Тот молчал, как и минуту, и час, и день, и год назад. Ничто не могло отвлечь коменданта от окна. Кроме двери, о которую отец машинально оперся, с удивлением и страхом рассматривая коменданта.
- Удачного дня.

Лицо коменданта, повернутое к отцу, было светлым и не злым. На вид ему ему было немного за 50. От глаз расходились тонкие, неглубокие морщины. Губы дружелюбно улыбались и ничто в них не говорило о десятках, а может и сотнях, болезненных уколов. Его лицо в эти моменты всегда поражало жильцов дома.
- Как такое живое лицо может быть у такого неживого человека! - Удивлялась старая Вальштейн.
- А что такое жизнь? - Отвечал ей еще живой, но уже близкий к финалу Боря.- Вот вы, мамаша Вальштейн, думаете что вы живете, а я смотрю на вас и вижу как вы каждый день делаете одни и те же вещи. Просыпаетесь, пьете кофе в палисаднике, делаете базар, спите при включенном на полную громкость телевизоре, ужинаете и снова спите. И лицо ваше при этом тоже очень живое и богатое на эмоции.

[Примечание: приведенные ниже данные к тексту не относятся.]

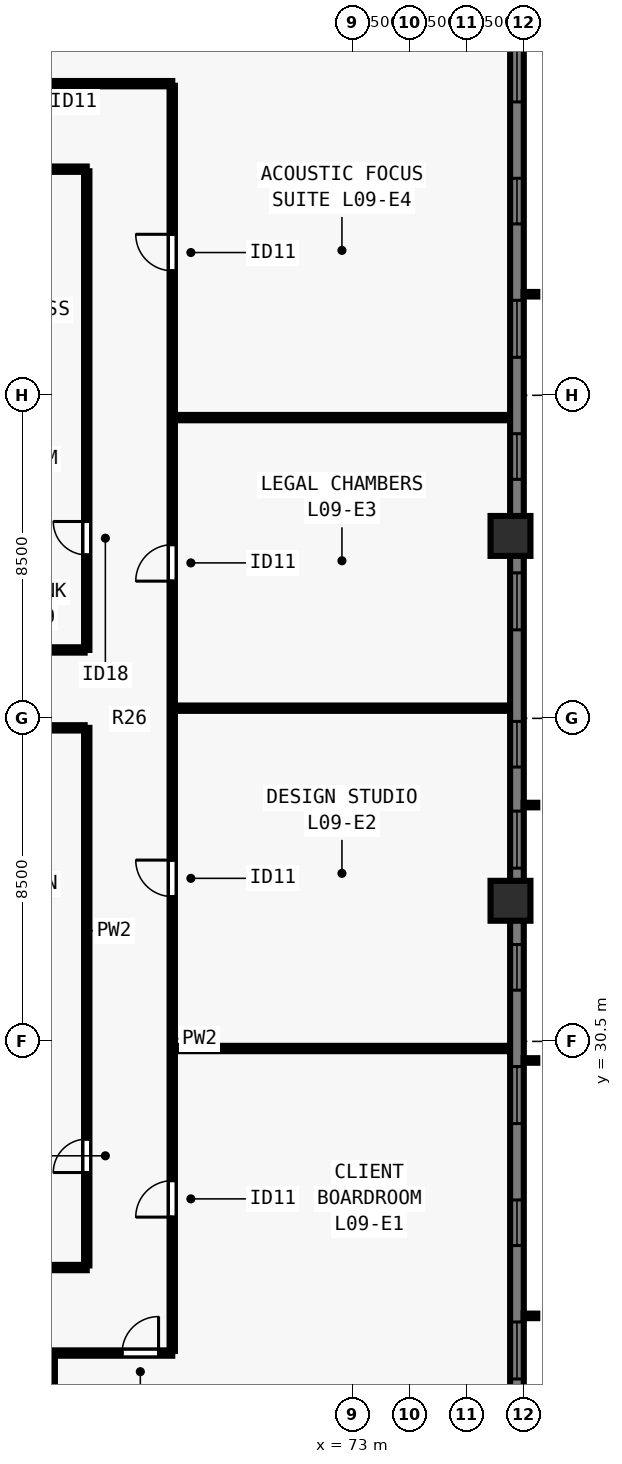
"""IFC4 building model, lengths in metres.
Left out: names, types, materials, properties, quantities, classifications, styles, units other than length and angle.
Written with IfcOpenShell. Run it as: python <this file> out.ifc"""

import sys

from ifc_helpers import new_model, si_unit, direction, frame, frame_2d, origin, origin_2d, place, context, subcontext, project, spatial, rectangle, extrude, element, fill, save


model = new_model("IFC4")
c1 = context("Model", 3, precision=1e-05, world=origin(), true_north=direction((0.0, 1.0)))
c2 = subcontext(c1, "Body", "Model", "MODEL_VIEW")
j1 = project(units=[si_unit("LENGTHUNIT", "METRE"), si_unit("PLANEANGLEUNIT", "RADIAN")], contexts=[c1])
p1 = place(None, origin())
s1 = spatial("IfcSite", under=j1, at=p1, CompositionType="ELEMENT")
p2 = place(p1, origin())
s2 = spatial("IfcBuilding", under=s1, at=p2, CompositionType="ELEMENT")
p3 = place(p2, frame((0.0, 0.0, 37.5)))
s3 = spatial("IfcBuildingStorey", under=s2, at=p3, CompositionType="ELEMENT", Elevation=37.5)
for number, where, z_axis, x_axis in (
    (1, (77.15, 34.2, 0.0), (0.0, 0.0, 1.0), (0.0, 1.0, 0.0)),
    (2, (77.15, 43.8, 0.0), (0.0, 0.0, 1.0), (0.0, 1.0, 0.0)),
):
    element("IfcColumn", number, at=place(p3, frame(where, z_axis=z_axis, x_axis=x_axis)), inside=s3, PredefinedType="COLUMN", context=c2, shape_type="SweptSolid", body=[
        extrude(rectangle(XDim=1.05, YDim=1.05, at=origin_2d()), origin(), (0.0, 0.0, 1.0), 3.5),
    ])
p4 = place(p3, frame((77.32, 61.5, 0.0), z_axis=(0.0, 0.0, 1.0), x_axis=(0.0, -1.0, 0.0)))
e3 = element("IfcWall", 3, at=p4, inside=s3, PredefinedType="SOLIDWALL", context=c2, shape_type="SweptSolid", body=[
    extrude(rectangle(XDim=44.662, YDim=0.36, at=frame_2d((22.331, 0.0))), origin(), (0.0, 0.0, 1.0), 3.28),
])
p5 = place(p4, frame((4.78, 0.0, 0.8)))
e4 = element("IfcOpeningElement", 4, at=p5, cuts=e3, PredefinedType="OPENING", context=c2, shape_type="SweptSolid", body=[
    extrude(rectangle(XDim=1.5, YDim=1.544, at=frame_2d((0.75, 0.772))), frame((0.0, 0.19, 0.0), z_axis=(0.0, -1.0, 0.0), x_axis=(1.0, 0.0, 0.0)), (0.0, 0.0, 1.0), 0.38),
])
p6 = place(p4, frame((8.29, 0.0, 0.8)))
e5 = element("IfcOpeningElement", 5, at=p6, cuts=e3, PredefinedType="OPENING", context=c2, shape_type="SweptSolid", body=[
    extrude(rectangle(XDim=1.2, YDim=1.544, at=frame_2d((0.6, 0.772))), frame((0.0, 0.19, 0.0), z_axis=(0.0, -1.0, 0.0), x_axis=(1.0, 0.0, 0.0)), (0.0, 0.0, 1.0), 0.38),
])
p7 = place(p4, frame((11.5, 0.0, 0.8)))
e6 = element("IfcOpeningElement", 6, at=p7, cuts=e3, PredefinedType="OPENING", context=c2, shape_type="SweptSolid", body=[
    extrude(rectangle(XDim=1.5, YDim=1.544, at=frame_2d((0.75, 0.772))), frame((0.0, 0.19, 0.0), z_axis=(0.0, -1.0, 0.0), x_axis=(1.0, 0.0, 0.0)), (0.0, 0.0, 1.0), 0.38),
])
p8 = place(p4, frame((15.01, 0.0, 0.8)))
e7 = element("IfcOpeningElement", 7, at=p8, cuts=e3, PredefinedType="OPENING", context=c2, shape_type="SweptSolid", body=[
    extrude(rectangle(XDim=1.2, YDim=1.544, at=frame_2d((0.6, 0.772))), frame((0.0, 0.19, 0.0), z_axis=(0.0, -1.0, 0.0), x_axis=(1.0, 0.0, 0.0)), (0.0, 0.0, 1.0), 0.38),
])
p9 = place(p4, frame((18.671, 0.0, 0.8)))
e8 = element("IfcOpeningElement", 8, at=p9, cuts=e3, PredefinedType="OPENING", context=c2, shape_type="SweptSolid", body=[
    extrude(rectangle(XDim=1.5, YDim=1.544, at=frame_2d((0.75, 0.772))), frame((0.0, 0.19, 0.0), z_axis=(0.0, -1.0, 0.0), x_axis=(1.0, 0.0, 0.0)), (0.0, 0.0, 1.0), 0.38),
])
p10 = place(p4, frame((22.581, 0.0, 0.8)))
e9 = element("IfcOpeningElement", 9, at=p10, cuts=e3, PredefinedType="OPENING", context=c2, shape_type="SweptSolid", body=[
    extrude(rectangle(XDim=1.2, YDim=1.544, at=frame_2d((0.6, 0.772))), frame((0.0, 0.19, 0.0), z_axis=(0.0, -1.0, 0.0), x_axis=(1.0, 0.0, 0.0)), (0.0, 0.0, 1.0), 0.38),
])
p11 = place(p4, frame((24.941, 0.0, 0.8)))
e10 = element("IfcOpeningElement", 10, at=p11, cuts=e3, PredefinedType="OPENING", context=c2, shape_type="SweptSolid", body=[
    extrude(rectangle(XDim=1.5, YDim=1.544, at=frame_2d((0.75, 0.772))), frame((0.0, 0.19, 0.0), z_axis=(0.0, -1.0, 0.0), x_axis=(1.0, 0.0, 0.0)), (0.0, 0.0, 1.0), 0.38),
])
p12 = place(p4, frame((28.451, 0.0, 0.8)))
e11 = element("IfcOpeningElement", 11, at=p12, cuts=e3, PredefinedType="OPENING", context=c2, shape_type="SweptSolid", body=[
    extrude(rectangle(XDim=1.2, YDim=1.544, at=frame_2d((0.6, 0.772))), frame((0.0, 0.19, 0.0), z_axis=(0.0, -1.0, 0.0), x_axis=(1.0, 0.0, 0.0)), (0.0, 0.0, 1.0), 0.38),
])
p13 = place(p4, frame((31.662, 0.0, 0.8)))
e12 = element("IfcOpeningElement", 12, at=p13, cuts=e3, PredefinedType="OPENING", context=c2, shape_type="SweptSolid", body=[
    extrude(rectangle(XDim=1.5, YDim=1.544, at=frame_2d((0.75, 0.772))), frame((0.0, 0.19, 0.0), z_axis=(0.0, -1.0, 0.0), x_axis=(1.0, 0.0, 0.0)), (0.0, 0.0, 1.0), 0.38),
])
p14 = place(p4, frame((35.172, 0.0, 0.8)))
e13 = element("IfcOpeningElement", 13, at=p14, cuts=e3, PredefinedType="OPENING", context=c2, shape_type="SweptSolid", body=[
    extrude(rectangle(XDim=1.2, YDim=1.544, at=frame_2d((0.6, 0.772))), frame((0.0, 0.19, 0.0), z_axis=(0.0, -1.0, 0.0), x_axis=(1.0, 0.0, 0.0)), (0.0, 0.0, 1.0), 0.38),
])
p15 = place(p4, frame((38.382, 0.0, 0.8)))
e14 = element("IfcOpeningElement", 14, at=p15, cuts=e3, PredefinedType="OPENING", context=c2, shape_type="SweptSolid", body=[
    extrude(rectangle(XDim=1.5, YDim=1.544, at=frame_2d((0.75, 0.772))), frame((0.0, 0.19, 0.0), z_axis=(0.0, -1.0, 0.0), x_axis=(1.0, 0.0, 0.0)), (0.0, 0.0, 1.0), 0.38),
])
p16 = place(p3, frame((35.75, 22.3, 0.0), z_axis=(0.0, 0.0, 1.0), x_axis=(1.0, 0.0, 0.0)))
e15 = element("IfcWall", 15, at=p16, inside=s3, PredefinedType="PARTITIONING", context=c2, shape_type="SweptSolid", body=[
    extrude(rectangle(XDim=32.5, YDim=0.14, at=frame_2d((16.25, 0.0))), origin(), (0.0, 0.0, 1.0), 3.28),
])
p17 = place(p16, frame((1.604, 0.0, 0.0)))
e16 = element("IfcOpeningElement", 16, at=p17, cuts=e15, PredefinedType="OPENING", context=c2, shape_type="SweptSolid", body=[
    extrude(rectangle(XDim=0.96, YDim=2.12, at=frame_2d((0.48, 1.06))), frame((0.0, 0.08, 0.0), z_axis=(0.0, -1.0, 0.0), x_axis=(1.0, 0.0, 0.0)), (0.0, 0.0, 1.0), 0.16),
])
p18 = place(p16, frame((9.585, 0.0, 0.0)))
e17 = element("IfcOpeningElement", 17, at=p18, cuts=e15, PredefinedType="OPENING", context=c2, shape_type="SweptSolid", body=[
    extrude(rectangle(XDim=0.96, YDim=2.12, at=frame_2d((0.48, 1.06))), frame((0.0, 0.08, 0.0), z_axis=(0.0, -1.0, 0.0), x_axis=(1.0, 0.0, 0.0)), (0.0, 0.0, 1.0), 0.16),
])
p19 = place(p16, frame((22.125, 0.0, 0.0)))
e18 = element("IfcOpeningElement", 18, at=p19, cuts=e15, PredefinedType="OPENING", context=c2, shape_type="SweptSolid", body=[
    extrude(rectangle(XDim=0.96, YDim=2.12, at=frame_2d((0.48, 1.06))), frame((0.0, 0.08, 0.0), z_axis=(0.0, -1.0, 0.0), x_axis=(1.0, 0.0, 0.0)), (0.0, 0.0, 1.0), 0.16),
])
p20 = place(p16, frame((31.18, 0.0, 0.0)))
e19 = element("IfcOpeningElement", 19, at=p20, cuts=e15, PredefinedType="OPENING", context=c2, shape_type="SweptSolid", body=[
    extrude(rectangle(XDim=0.96, YDim=2.12, at=frame_2d((0.48, 1.06))), frame((0.0, 0.08, 0.0), z_axis=(0.0, -1.0, 0.0), x_axis=(1.0, 0.0, 0.0)), (0.0, 0.0, 1.0), 0.16),
])
p21 = place(p3, frame((35.75, 55.7, 0.0), z_axis=(0.0, 0.0, 1.0), x_axis=(1.0, 0.0, 0.0)))
e20 = element("IfcWall", 20, at=p21, inside=s3, PredefinedType="PARTITIONING", context=c2, shape_type="SweptSolid", body=[
    extrude(rectangle(XDim=32.5, YDim=0.14, at=frame_2d((16.25, 0.0))), origin(), (0.0, 0.0, 1.0), 3.28),
])
p22 = place(p21, frame((3.154, 0.0, 0.0)))
e21 = element("IfcOpeningElement", 21, at=p22, cuts=e20, PredefinedType="OPENING", context=c2, shape_type="SweptSolid", body=[
    extrude(rectangle(XDim=0.96, YDim=2.12, at=frame_2d((0.48, 1.06))), frame((0.0, 0.08, 0.0), z_axis=(0.0, -1.0, 0.0), x_axis=(1.0, 0.0, 0.0)), (0.0, 0.0, 1.0), 0.16),
])
p23 = place(p21, frame((27.834, 0.0, 0.0)))
e22 = element("IfcOpeningElement", 22, at=p23, cuts=e20, PredefinedType="OPENING", context=c2, shape_type="SweptSolid", body=[
    extrude(rectangle(XDim=0.96, YDim=2.12, at=frame_2d((0.48, 1.06))), frame((0.0, 0.08, 0.0), z_axis=(0.0, -1.0, 0.0), x_axis=(1.0, 0.0, 0.0)), (0.0, 0.0, 1.0), 0.16),
])
p24 = place(p3, frame((68.25, 22.355, 0.0), z_axis=(0.0, 0.0, 1.0), x_axis=(0.0, 1.0, 0.0)))
e23 = element("IfcWall", 23, at=p24, inside=s3, PredefinedType="PARTITIONING", context=c2, shape_type="SweptSolid", body=[
    extrude(rectangle(XDim=33.29, YDim=0.14, at=frame_2d((16.645, 0.0))), origin(), (0.0, 0.0, 1.0), 3.28),
])
p25 = place(p24, frame((3.522, 0.0, 0.0)))
e24 = element("IfcOpeningElement", 24, at=p25, cuts=e23, PredefinedType="OPENING", context=c2, shape_type="SweptSolid", body=[
    extrude(rectangle(XDim=0.96, YDim=2.12, at=frame_2d((0.48, 1.06))), frame((0.0, 0.08, 0.0), z_axis=(0.0, -1.0, 0.0), x_axis=(1.0, 0.0, 0.0)), (0.0, 0.0, 1.0), 0.16),
])
p26 = place(p24, frame((11.956, 0.0, 0.0)))
e25 = element("IfcOpeningElement", 25, at=p26, cuts=e23, PredefinedType="OPENING", context=c2, shape_type="SweptSolid", body=[
    extrude(rectangle(XDim=0.96, YDim=2.12, at=frame_2d((0.48, 1.06))), frame((0.0, 0.08, 0.0), z_axis=(0.0, -1.0, 0.0), x_axis=(1.0, 0.0, 0.0)), (0.0, 0.0, 1.0), 0.16),
])
p27 = place(p24, frame((20.256, 0.0, 0.0)))
e26 = element("IfcOpeningElement", 26, at=p27, cuts=e23, PredefinedType="OPENING", context=c2, shape_type="SweptSolid", body=[
    extrude(rectangle(XDim=0.96, YDim=2.12, at=frame_2d((0.48, 1.06))), frame((0.0, 0.08, 0.0), z_axis=(0.0, -1.0, 0.0), x_axis=(1.0, 0.0, 0.0)), (0.0, 0.0, 1.0), 0.16),
])
p28 = place(p24, frame((28.422, 0.0, 0.0)))
e27 = element("IfcOpeningElement", 27, at=p28, cuts=e23, PredefinedType="OPENING", context=c2, shape_type="SweptSolid", body=[
    extrude(rectangle(XDim=0.96, YDim=2.12, at=frame_2d((0.48, 1.06))), frame((0.0, 0.08, 0.0), z_axis=(0.0, -1.0, 0.0), x_axis=(1.0, 0.0, 0.0)), (0.0, 0.0, 1.0), 0.16),
])
p29 = place(p3, frame((38.0, 24.55, 0.0), z_axis=(0.0, 0.0, 1.0), x_axis=(1.0, 0.0, 0.0)))
e28 = element("IfcWall", 28, at=p29, inside=s3, PredefinedType="PARTITIONING", context=c2, shape_type="SweptSolid", body=[
    extrude(rectangle(XDim=28.0, YDim=0.14, at=frame_2d((14.0, 0.0))), origin(), (0.0, 0.0, 1.0), 3.28),
])
p30 = place(p29, frame((1.2, 0.0, 0.0)))
e29 = element("IfcOpeningElement", 29, at=p30, cuts=e28, PredefinedType="OPENING", context=c2, shape_type="SweptSolid", body=[
    extrude(rectangle(XDim=0.88, YDim=2.1, at=frame_2d((0.44, 1.05))), frame((0.0, 0.08, 0.0), z_axis=(0.0, -1.0, 0.0), x_axis=(1.0, 0.0, 0.0)), (0.0, 0.0, 1.0), 0.16),
])
p31 = place(p29, frame((10.5, 0.0, 0.0)))
e30 = element("IfcOpeningElement", 30, at=p31, cuts=e28, PredefinedType="OPENING", context=c2, shape_type="SweptSolid", body=[
    extrude(rectangle(XDim=0.88, YDim=2.1, at=frame_2d((0.44, 1.05))), frame((0.0, 0.08, 0.0), z_axis=(0.0, -1.0, 0.0), x_axis=(1.0, 0.0, 0.0)), (0.0, 0.0, 1.0), 0.16),
])
p32 = place(p29, frame((21.0, 0.0, 0.0)))
e31 = element("IfcOpeningElement", 31, at=p32, cuts=e28, PredefinedType="OPENING", context=c2, shape_type="SweptSolid", body=[
    extrude(rectangle(XDim=0.88, YDim=2.1, at=frame_2d((0.44, 1.05))), frame((0.0, 0.08, 0.0), z_axis=(0.0, -1.0, 0.0), x_axis=(1.0, 0.0, 0.0)), (0.0, 0.0, 1.0), 0.16),
])
p33 = place(p3, frame((38.0, 53.45, 0.0), z_axis=(0.0, 0.0, 1.0), x_axis=(1.0, 0.0, 0.0)))
e32 = element("IfcWall", 32, at=p33, inside=s3, PredefinedType="PARTITIONING", context=c2, shape_type="SweptSolid", body=[
    extrude(rectangle(XDim=28.0, YDim=0.14, at=frame_2d((14.0, 0.0))), origin(), (0.0, 0.0, 1.0), 3.28),
])
p34 = place(p33, frame((2.2, 0.0, 0.0)))
e33 = element("IfcOpeningElement", 33, at=p34, cuts=e32, PredefinedType="OPENING", context=c2, shape_type="SweptSolid", body=[
    extrude(rectangle(XDim=0.88, YDim=2.1, at=frame_2d((0.44, 1.05))), frame((0.0, 0.08, 0.0), z_axis=(0.0, -1.0, 0.0), x_axis=(1.0, 0.0, 0.0)), (0.0, 0.0, 1.0), 0.16),
])
p35 = place(p33, frame((14.5, 0.0, 0.0)))
e34 = element("IfcOpeningElement", 34, at=p35, cuts=e32, PredefinedType="OPENING", context=c2, shape_type="SweptSolid", body=[
    extrude(rectangle(XDim=0.88, YDim=2.1, at=frame_2d((0.44, 1.05))), frame((0.0, 0.08, 0.0), z_axis=(0.0, -1.0, 0.0), x_axis=(1.0, 0.0, 0.0)), (0.0, 0.0, 1.0), 0.16),
])
p36 = place(p33, frame((24.0, 0.0, 0.0)))
e35 = element("IfcOpeningElement", 35, at=p36, cuts=e32, PredefinedType="OPENING", context=c2, shape_type="SweptSolid", body=[
    extrude(rectangle(XDim=0.88, YDim=2.1, at=frame_2d((0.44, 1.05))), frame((0.0, 0.08, 0.0), z_axis=(0.0, -1.0, 0.0), x_axis=(1.0, 0.0, 0.0)), (0.0, 0.0, 1.0), 0.16),
])
p37 = place(p3, frame((66.0, 24.605, 0.0), z_axis=(0.0, 0.0, 1.0), x_axis=(0.0, 1.0, 0.0)))
e36 = element("IfcWall", 36, at=p37, inside=s3, PredefinedType="PARTITIONING", context=c2, shape_type="SweptSolid", body=[
    extrude(rectangle(XDim=14.145, YDim=0.14, at=frame_2d((7.073, 0.0))), origin(), (0.0, 0.0, 1.0), 3.28),
])
p38 = place(p37, frame((2.445, 0.0, 0.0)))
e37 = element("IfcOpeningElement", 37, at=p38, cuts=e36, PredefinedType="OPENING", context=c2, shape_type="SweptSolid", body=[
    extrude(rectangle(XDim=0.88, YDim=2.1, at=frame_2d((0.44, 1.05))), frame((0.0, 0.08, 0.0), z_axis=(0.0, -1.0, 0.0), x_axis=(1.0, 0.0, 0.0)), (0.0, 0.0, 1.0), 0.16),
])
p39 = place(p3, frame((66.0, 40.8, 0.0), z_axis=(0.0, 0.0, 1.0), x_axis=(0.0, 1.0, 0.0)))
e38 = element("IfcWall", 38, at=p39, inside=s3, PredefinedType="PARTITIONING", context=c2, shape_type="SweptSolid", body=[
    extrude(rectangle(XDim=12.595, YDim=0.14, at=frame_2d((6.297, 0.0))), origin(), (0.0, 0.0, 1.0), 3.28),
])
p40 = place(p39, frame((2.5, 0.0, 0.0)))
e39 = element("IfcOpeningElement", 39, at=p40, cuts=e38, PredefinedType="OPENING", context=c2, shape_type="SweptSolid", body=[
    extrude(rectangle(XDim=0.88, YDim=2.1, at=frame_2d((0.44, 1.05))), frame((0.0, 0.08, 0.0), z_axis=(0.0, -1.0, 0.0), x_axis=(1.0, 0.0, 0.0)), (0.0, 0.0, 1.0), 0.16),
])
for number, where, z_axis, x_axis in (
    (40, (60.76, 38.75, 0.0), (0.0, 0.0, 1.0), (1.0, 0.0, 0.0)),
    (41, (60.76, 40.8, 0.0), (0.0, 0.0, 1.0), (1.0, 0.0, 0.0)),
):
    element("IfcWall", number, at=place(p3, frame(where, z_axis=z_axis, x_axis=x_axis)), inside=s3, PredefinedType="PARTITIONING", context=c2, shape_type="SweptSolid", body=[
        extrude(rectangle(XDim=5.185, YDim=0.14, at=frame_2d((2.593, 0.0))), origin(), (0.0, 0.0, 1.0), 3.28),
    ])
p41 = place(p3, frame((65.093, 13.92, 0.0), z_axis=(0.0, 0.0, 1.0), x_axis=(0.0, 1.0, 0.0)))
e42 = element("IfcWall", 42, at=p41, inside=s3, PredefinedType="PARTITIONING", context=c2, shape_type="SweptSolid", body=[
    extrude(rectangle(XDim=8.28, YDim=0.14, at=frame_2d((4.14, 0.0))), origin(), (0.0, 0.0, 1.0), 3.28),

Старуха смолчала. Ей было что ответить, но ответить Боре было нечего - все знали что ему недолго. Она еще найдет кому сказать те слова, которые не принято говорить умирающим.

- Да что с тобой такое? - Тихо сказал отец. - Ты робот какой-то? Кто ты?
Комендант немного поклонился и очень медленно, почти издевательски - как показалось отцу, поднял лицо к окну. Отец сжал его плечо свой огромной ладонью и сильно, основательно, несколько раз встряхнул. Комендант не отвечал и отец стал его бить. Бил по лицу, по почкам, бил в живот. Он хорошо умел бить людей еще со школы и знал как это делать правильно. Его удары становились все злее и опаснее, по мере того как отец все больше приходил в ярость, замечая полное безразличие на лице коменданта. Даже когда он упал на спину после резкого толчка в грудь, его лицо и глаза оставались повернуты к окну и клочкам грязного, пыльного света, с трудом пробиравшегося сквозь него в подъезд.

С утра жильцов разбудили крики старухи Вальштейн. Он стояла на коленях, спрятав лицо в ладонях. В углу лежал скрюченный в немыслимой позе, окровавленный комендант. Глаза его были закрыты. Жильцы молча смотрели на тело. Левицкий опустился на пол рядом со старухой, заплакал и перекрестился. Из второй квартиры вышла семья Скуратовых. Мать вела мальчиков в школу, отец направлялся на работу. Не глядя по сторонам, отец прошел мимо жильцов и коменданта, и взялся за дверную ручку и полной тишине открыл дверь и пропустил вперед жену с детьми.
- Доброго дня. - Прошептала Вальштейн и вновь зарыдала.